We have insufficient information here to say "all" or "no" high volume transaction processing should use RDBMS. In your case it might not have been feasible. But, we cannot extrapolate up or down at this point. I sense that this should be moved to a different topic, BTW.

You may have insufficient information, but I worked in that domain for eight years. I'll be you real money that every time you swipe your credit card in a POS device or cash register, the transaction never hits an RDBMS.

Fine. RDBMS suck for credit cards. Now lets move on.

Are you still happy taking a look?

I suppose we would need a 20 million dollar budget to perform adaquate performance tests to settle this. Performance issues like are discussed a bit under NavigationalDatabase

No, we don't need to spend a cent on it. The card acceptance banks and their service providers already have.

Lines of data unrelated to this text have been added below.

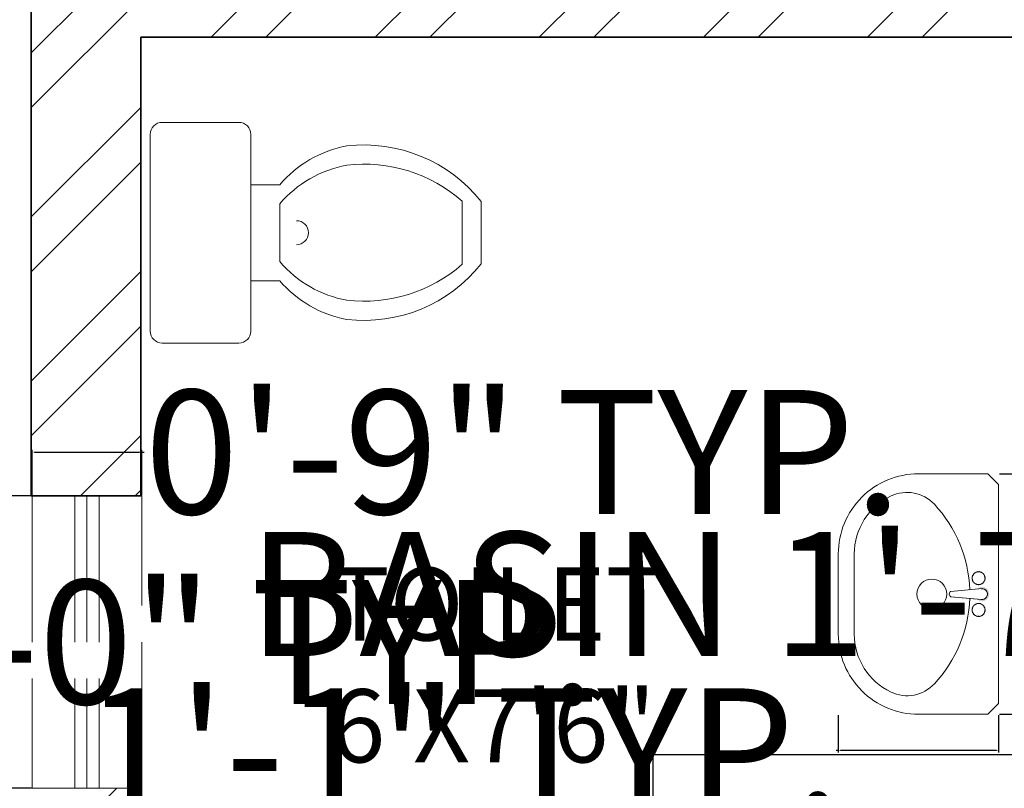
# Model space of a CAD drawing. Units: inches. Extents: x 1812 to 2791, y 2306 to 2959.
# Tile 6 of 8: x 2453 to 2534, y 2793 to 2856. Entities that reach past the tile are written whole.
import ezdxf

# ---------------------------------------------------------------- set-up
doc = ezdxf.new("R2010")
doc.units = ezdxf.units.IN
doc.linetypes.add('ACAD_ISO02W100', pattern=[15, 12, -3])
doc.layers.get('Defpoints').update_dxf_attribs({"lineweight": 50})
for name, color, linetype, lineweight in [('A-ANNO-DIMS', 2, 'Continuous', 18), ('A-AREA-IDEN', 7, 'Continuous', 18), ('A-FLOR-FIXT', 9, 'Continuous', 18), ('A-GLAZ-VENT', 6, 'ACAD_ISO02W100', 13), ('A-WALL-PATT', 8, 'Continuous', 13), ('WALL', 7, 'Continuous', 35)]:
    doc.layers.add(name, color=color, linetype=linetype, lineweight=lineweight)
doc.styles.get("Standard").update_dxf_attribs({"font": 'arial.ttf'})
doc.dimstyles.get("Standard").update_dxf_attribs({"dimtxt": 10.18, "dimasz": 0.18, "dimexe": 0.18, "dimexo": 0.0625, "dimgap": 0.09, "dimtad": 0, "dimtih": 1, "dimtoh": 1, "dimdec": 0, "dimzin": 0, "dimdsep": 46, "dimlunit": 3, "dimtxsty": 'Standard', "dimcen": 0.09, "dimadec": 0, "dimazin": 0, "dimtfac": 1, "dimtdec": 0, "dimtofl": 0, "dimtmove": 0, "dimatfit": 3, "dimfxl": 1, "dimtolj": 1, "dimtzin": 0, "dimarcsym": 0})

# ---------------------------------------------------------------- blocks, each defined once
blk = doc.blocks.new('A$C2AC94788')
for p, q in [((0.0250000842625013, 0.6899999873276103), (0.4350000842623559, 0.6899999873276103)), ((8.42619556e-08, 0.5049999873299384), (8.42619556e-08, 0.664999987326155)), ((0.4600000842619921, 0.664999987326155), (0.4600000842619921, 0.5049999873299384)), ((0.4350000842623559, 0.4799999873284833), (0.0250000842625013, 0.4799999873284833)), ((0.1300000842620648, 0.4799999873284833), (0.1300000842620648, 0.4199999873308116)), ((0.3300000842618829, 0.4199999873308116), (0.3300000842618829, 0.4799999873284833)), ((0.1700000842620284, 0.4199999873308116), (0.2900000842619192, 0.4199999873308116)), ((0.1640625266463758, 0.0391832446184708), (0.2959376418775719, 0.0391832446184708)), ((0.2290625266468851, 0.0391832446184708), (0.2300046331329213, 0.0391832446184708)), ((0.2309376418770626, 0.0391832446184708), (0.2299955353910263, 0.0391832446184708)), ((0.1650000842619192, -1.26747182e-08), (0.2950000842620284, -1.26747182e-08))]:
    blk.add_line(p, q)
for centre, radius, start, end in [((0.0250000842625013, 0.664999987326155), 0.025, 90, 180), ((0.4350000842623559, 0.664999987326155), 0.025, 0, 90), ((0.0250000842625013, 0.5049999873299384), 0.025, 180, 270), ((0.4350000842623559, 0.5049999873299384), 0.025, 270, 0), ((0.2874442183401697, 0.2355819240110577), 0.2424843859558644, 130.488541879527, 169.445013547103), ((0.3274442183401334, 0.2355819240110577), 0.2424843859558644, 130.488541879527, 169.445013547103), ((0.1325559501838143, 0.2355819240110577), 0.2424843859558745, 10.55498645289699, 49.51145812047296), ((0.1725559501837779, 0.2355819240110577), 0.2424843859558745, 10.55498645289699, 49.51145812047296), ((0.2300000842624286, 0.3849999873273191), 0.025, 180, 0), ((0.3600593119572294, 0.2447691737834247), 0.3129857136460789, 173.5368801771597, 231.4482773914608), ((0.4000593119571932, 0.2447691737834248), 0.3129857136460972, 173.5368801771598, 221.0603827222079), ((0.0999408565667182, 0.2447691737834248), 0.3129857136460789, 308.5517226085392, 6.463119822840183), ((0.0599408565667545, 0.2447691737834248), 0.3129857136460896, 318.9396172777922, 6.463119822840183)]:
    blk.add_arc(centre, radius, start, end)
blk = doc.blocks.new('s_46')
at = {"ltscale": 600}
h = blk.add_hatch(color=256, dxfattribs=at)
edge = h.paths.add_edge_path()
edge.add_line((13.45184378023259, 62.04360352296498), (14.15927104179718, 54.09782096462731))
edge.add_ellipse((4.212458010588306, 52.31250418393756), major_axis=(-10.10576298371302, 2.5e-15), ratio=1, start_angle=540, end_angle=550.1754626554052, ccw=False)
edge.add_arc((4.212458010588306, 52.31250418393756), 10.10576298371302, 270, 360, ccw=False)
edge.add_line((4.212458010588306, 42.20674120020703), (4.212458010588306, 41.28018079043977))
edge.add_line((4.212458010588306, 41.28018079040339), (11.85106942148559, 41.28018079040339))
edge.add_arc((4.212458010588306, 52.31250418393756), 13.41866400745597, 664.6981342835142, 766.4847699121552)
h.paths.add_polyline_path([(4.212458010588306, 41.28018079040339), (-3.426153400272596, 41.28018079040339, 0.152566653256377), (4.212458010588306, 38.8938401764608)])
h.paths.add_polyline_path([(11.85106942144921, 41.28018079040339), (4.212458010588306, 41.28018079040339), (4.212458010588306, 38.8938401764608, 0.1525666532563772)])
h.paths.add_polyline_path([(-5.734355020395014, 54.09782096461277), (-5.026927758881356, 62.04360352296498, 0.4758332592079194), (-3.426153400272596, 41.28018079040339), (4.212458010588306, 41.28018079040339), (4.212458010588306, 42.20674120020703, -0.4672400657637396)])
for p, q in [((-5.893304973142221, 52.31250418385025), (-0.714987907151226, 110.4750654234667)), ((-5.893304973142221, 52.31250418385025), (-0.714987907151226, 110.4750654234667)), ((9.139903928502463, 110.475065423554), (14.15927104174625, 54.09782096461277)), ((14.31822099431883, 52.31250418385025), (9.139903928502463, 110.475065423554)), ((14.15927104174625, 54.09782096461277), (14.31822099431883, 52.31250418385025))]:
    blk.add_line(p, q, dxfattribs=at)
blk.add_lwpolyline([(-220.7875419894117, 171.2801807903452, -0.4142135623730951), (-70.7875419894117, 321.2801807903452), (79.2124580105883, 321.2801807904325, -0.4142135623730951), (229.2124580105883, 171.2801807904325), (229.2124580105883, 41.28018079040339), (209.2124580107047, 21.2801807904325), (-200.7875419893535, 21.28018079034518), (-220.7875419894117, 41.28018079040339)], format="xyb", close=True, dxfattribs=at)
blk.add_lwpolyline([(12.26164246437838, 75.41187665969483, 0.1816379869150311), (172.1859176590806, 141.5383421540609, 0.3263505073803008), (187.6570333366981, 222.6589125997853, 0.2898144196813102), (79.21245801076293, 291.2801807904325), (-70.78754198923707, 291.2801807903452, 0.2898144196813102), (-179.2321173155214, 222.658912599698, 0.3263505073803008), (-163.7610016377293, 141.5383421540609, 0.1816379869150315), (-3.836726442852523, 75.41187665960751)], format="xyb", dxfattribs=at)
for points in [[(-16.83803374727722, 67.43055756771354), (-17.02338931558188, 67.50428807432763), (-17.22058725368697, 67.56961317334208), (-17.42189012444578, 67.6347039079701), (-17.61956049106084, 67.70773132116301), (-17.80586091603618, 67.79686645595939), (-17.97305396257434, 67.91028035557245), (-18.11578784312587, 68.05326030802098), (-18.23825336818117, 68.21955858168076), (-18.34702699835179, 68.40004368982045), (-18.44868519355077, 68.58558414605795), (-18.54980441438965, 68.76704846357461), (-18.65696112113073, 68.9353051558137), (-18.77673177386168, 69.08122273621848), (-18.91569283319404, 69.19566971814493), (-19.07841429975815, 69.27267628890695), (-19.26144033775199, 69.31891933156292), (-19.45930865121772, 69.34423740339116), (-19.66655694507062, 69.35846906132065), (-19.87772292352747, 69.37145286262967), (-20.08734429115429, 69.39302736415993), (-20.2899587523425, 69.43303112310241), (-20.48010401183274, 69.50130269664805), (-20.65391131333308, 69.60429419830325), (-20.81388605764368, 69.73491196823306), (-20.96412718523061, 69.8826759030926), (-21.10873363655992, 70.03710589953698), (-21.25180435174844, 70.18772185422131), (-21.39743827126222, 70.3240436638007), (-21.54973433539272, 70.43559122501756), (-21.71279148443137, 70.5118844343524), (-21.88955151231494, 70.54600451889564), (-22.07832762773614, 70.54527802669325), (-22.27627589285839, 70.52059283622657), (-22.4805523698451, 70.48283682571491), (-22.68831312085968, 70.44289787355228), (-22.89671420806553, 70.41166385821998), (-23.10291169380071, 70.40002265802468), (-23.30406164005399, 70.41886215136037), (-23.49802141042892, 70.4753938675276), (-23.68545357254334, 70.56212393892929), (-23.86772199510597, 70.66788214896224), (-24.04619054717477, 70.78149828102323), (-24.22222309763311, 70.89180211850908), (-24.39718351518968, 70.98762344472925), (-24.57243566872785, 71.05779204316786), (-24.74934342730558, 71.09113769704709), (-24.92903553397628, 71.08022740500746), (-25.11170022917213, 71.03257702605333), (-25.2972906283685, 70.95943963443278), (-25.48575984616764, 70.8720683044812), (-25.67706099752104, 70.7817161102721), (-25.87114719772944, 70.69963612605352), (-26.0679715613951, 70.63708142607356), (-26.26748720381875, 70.60530508466763), (-26.46941223740578, 70.61182491958607), (-26.67252476507565, 70.64921772302478), (-26.87536788737634, 70.70632503094384), (-27.07648470485583, 70.77198837930337), (-27.27441831788747, 70.8350493038015), (-27.46771182701923, 70.88434934031102), (-27.6549083327991, 70.90873002487933), (-27.83455093560042, 70.8970328932919), (-28.00620139669627, 70.84190539614065), (-28.17349611973623, 70.75121864315588), (-28.34109016874572, 70.63664965887438), (-28.51363860827405, 70.50987546765828), (-28.69579650234664, 70.38257309404435), (-28.89221891516354, 70.26641956248204), (-29.10756091127405, 70.17309189750813), (-29.3464775547036, 70.11426712348475), (-29.61160253512208, 70.0940409177856), (-29.89748404390411, 70.0861835690448), (-30.19664889771957, 70.05688401864609), (-30.50162391323829, 69.9723312081478), (-30.80493590747938, 69.79871407902101), (-31.09911169676343, 69.50222157256212), (-31.37667809793493, 69.0490426304168), (-31.63016192783834, 68.40536619405611), (-32.32050594605971, 68.4500712644367), (-32.84873653826071, 68.3918758847285), (-33.24226493795868, 68.25193804170704), (-33.52850237919483, 68.0514157223224), (-33.73486009566113, 67.8114669136994), (-33.88874932087492, 67.5532496026135), (-34.01758128887741, 67.29792177610216), (-34.14876723336056, 67.06664142102818), (-34.30371923936764, 66.87550954936887), (-34.47985279804561, 66.72039927294827), (-34.66858425136889, 66.59212672835565), (-34.86132994201034, 66.48150805244222), (-35.04950621211901, 66.37935938188457), (-35.22452940384392, 66.27649685335928), (-35.37781585985795, 66.16373660371755), (-35.50078192248475, 66.03189476963598), (-35.58785390376579, 65.87432967920904), (-35.64549799636007, 65.69456842611542), (-35.68319036299363, 65.49868029527715), (-35.7104071660433, 65.2927345718781), (-35.73662456823513, 65.08280054092756), (-35.77131873212056, 64.87494748734753), (-35.82396582007641, 64.67524469623459), (-35.90404199482873, 64.48976145259803), (-36.01774371694773, 64.3227640100813), (-36.15814863995183, 64.17130649695173), (-36.31505471485434, 64.0306400101108), (-36.47825989319244, 63.89601564637269), (-36.63756212632871, 63.76268450255157), (-36.78275936545106, 63.62589767554891), (-36.90364956192207, 63.48090626226621), (-36.99003066710429, 63.32296135951764), (-37.03518227743916, 63.14869254492805), (-37.04631056915969, 62.96024331927765), (-37.03410336375237, 62.7611356638954), (-37.00924848217983, 62.55489156045951), (-36.98243374592858, 62.34503299021162), (-36.96434697631048, 62.13508193491725), (-36.96567599463743, 61.92856037581805), (-36.99710862222128, 61.72899029450491), (-37.06570762058254, 61.53896291530691), (-37.16403551277472, 61.35734643402975), (-37.28102976223454, 61.18207828939194), (-37.40562783187488, 61.0110959201993), (-37.52676718513249, 60.84233676508302), (-37.63338528544409, 60.67373826284892), (-37.7144195958972, 60.50323785204091), (-37.75880757992855, 60.32877297155209), (-37.75920177751686, 60.14875038337777), (-37.72311503690435, 59.96345414296957), (-37.66177528270055, 59.77363762940512), (-37.58641044021351, 59.58005422132555), (-37.5082484340528, 59.38345729780849), (-37.43851718935184, 59.18460023758234), (-37.38844463089481, 58.98423641963745), (-37.36925868364051, 58.78311922278953), (-37.38844463089481, 58.58200202594161), (-37.43851718935184, 58.38163820799673), (-37.5082484340528, 58.18278114777058), (-37.58641044021351, 57.98618422425352), (-37.66177528287517, 57.79260081626126), (-37.72311503690435, 57.6027843026095), (-37.75920177751686, 57.4174880622013), (-37.75880757992855, 57.23746547402697), (-37.7144195958972, 57.06300059353816), (-37.63338528544409, 56.89250018273014), (-37.52676718530711, 56.72390168049606), (-37.40562783187488, 56.55514252537978), (-37.28102976223454, 56.38416015618713), (-37.16403551277472, 56.20889201154932), (-37.06570762058254, 56.02727553035947), (-36.99710862222128, 55.83724815107416), (-36.96567599463743, 55.63767806976102), (-36.96434697631048, 55.43115651066182), (-36.98243374592858, 55.22120545536745), (-37.00924848217983, 55.01134688520687), (-37.03410336375237, 54.80510278168367), (-37.04631056933431, 54.60599512638873), (-37.03518227743916, 54.41754590065102), (-36.99003066710429, 54.24327708606142), (-36.90364956192207, 54.08533218331285), (-36.78275936545106, 53.94034077003016), (-36.63756212632871, 53.80355394302751), (-36.47825989319244, 53.67022279920639), (-36.31505471502896, 53.53559843546827), (-36.15814863995183, 53.39493194862734), (-36.01774371712236, 53.24347443549777), (-35.90404199482873, 53.07647699298104), (-35.82396582007641, 52.89099374934449), (-35.77131873212056, 52.69129095823155), (-35.73662456823513, 52.48343790465151), (-35.71040716621792, 52.27350387370098), (-35.68319036299363, 52.06755815021461), (-35.64549799653469, 51.87167001946363), (-35.58785390376579, 51.69190876637003), (-35.50078192248475, 51.53434367594309), (-35.3778353385278, 51.40284301002975), (-35.22468523163116, 51.29247093791491), (-35.05003213009331, 51.19609060572111), (-34.86257656256203, 51.10656515930895), (-34.67101905716118, 51.01675774488831), (-34.48406014236389, 50.91953150840708), (-34.31040034646867, 50.80774959607516), (-34.15874019777402, 50.67427515375311), (-34.03505195630714, 50.51453334218241), (-33.93439480883535, 50.3341973797942), (-33.84909967368003, 50.14150249981321), (-33.77149746881332, 49.94468393520219), (-33.69391911290586, 49.75197691909852), (-33.60869552427903, 49.57161668455228), (-33.50815762107959, 49.41183846470085), (-33.38463632145431, 49.28087749250699), (-33.23284944484476, 49.18408373402781), (-33.05706241185544, 49.11526608630083), (-32.86392754490953, 49.06534817945794), (-32.66009716555709, 49.02525364354369), (-32.45222359569743, 48.98590610860265), (-32.24695915722987, 48.93822920459206), (-32.05095617187908, 48.87314656155649), (-31.870866961719, 48.78158180962782), (-31.71133844077122, 48.65761859554914), (-31.5689958925941, 48.50798063381808), (-31.43845919286832, 48.34255165536887), (-31.31434821744915, 48.17121539139771), (-31.19128284219187, 48.00385557310073), (-31.06388294277713, 47.85035593167413), (-30.92676839523483, 47.72060019822674), (-30.77455907507101, 47.62447210386745), (-30.60346923320321, 47.56846716045401), (-30.41609062027419, 47.54552800310193), (-30.21660936163971, 47.54520904741366), (-30.00921158283018, 47.55706470907898), (-29.79808340937598, 47.570649403875), (-29.58741096680751, 47.57551754757878), (-29.38138038065517, 47.56122355579281), (-29.18417777627474, 47.51732184420689), (-28.99883273948217, 47.43692629240103), (-28.8237486963626, 47.32738863455597), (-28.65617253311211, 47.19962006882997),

Data sharing is important from the point of view of synchronization, beyond genericity actross application types, legacy etc. The third tier is largely covered out of the box with rdB's, and certain OODB's. As one adds the architectural attributes one would like to see, so the solution converges on rdB's plus objects. Thus I contend that OODB's and rdB's will converge.

Perhaps you can describe your plan under MultiParadigmDatabase. I am a bit skeptical of a practical mix.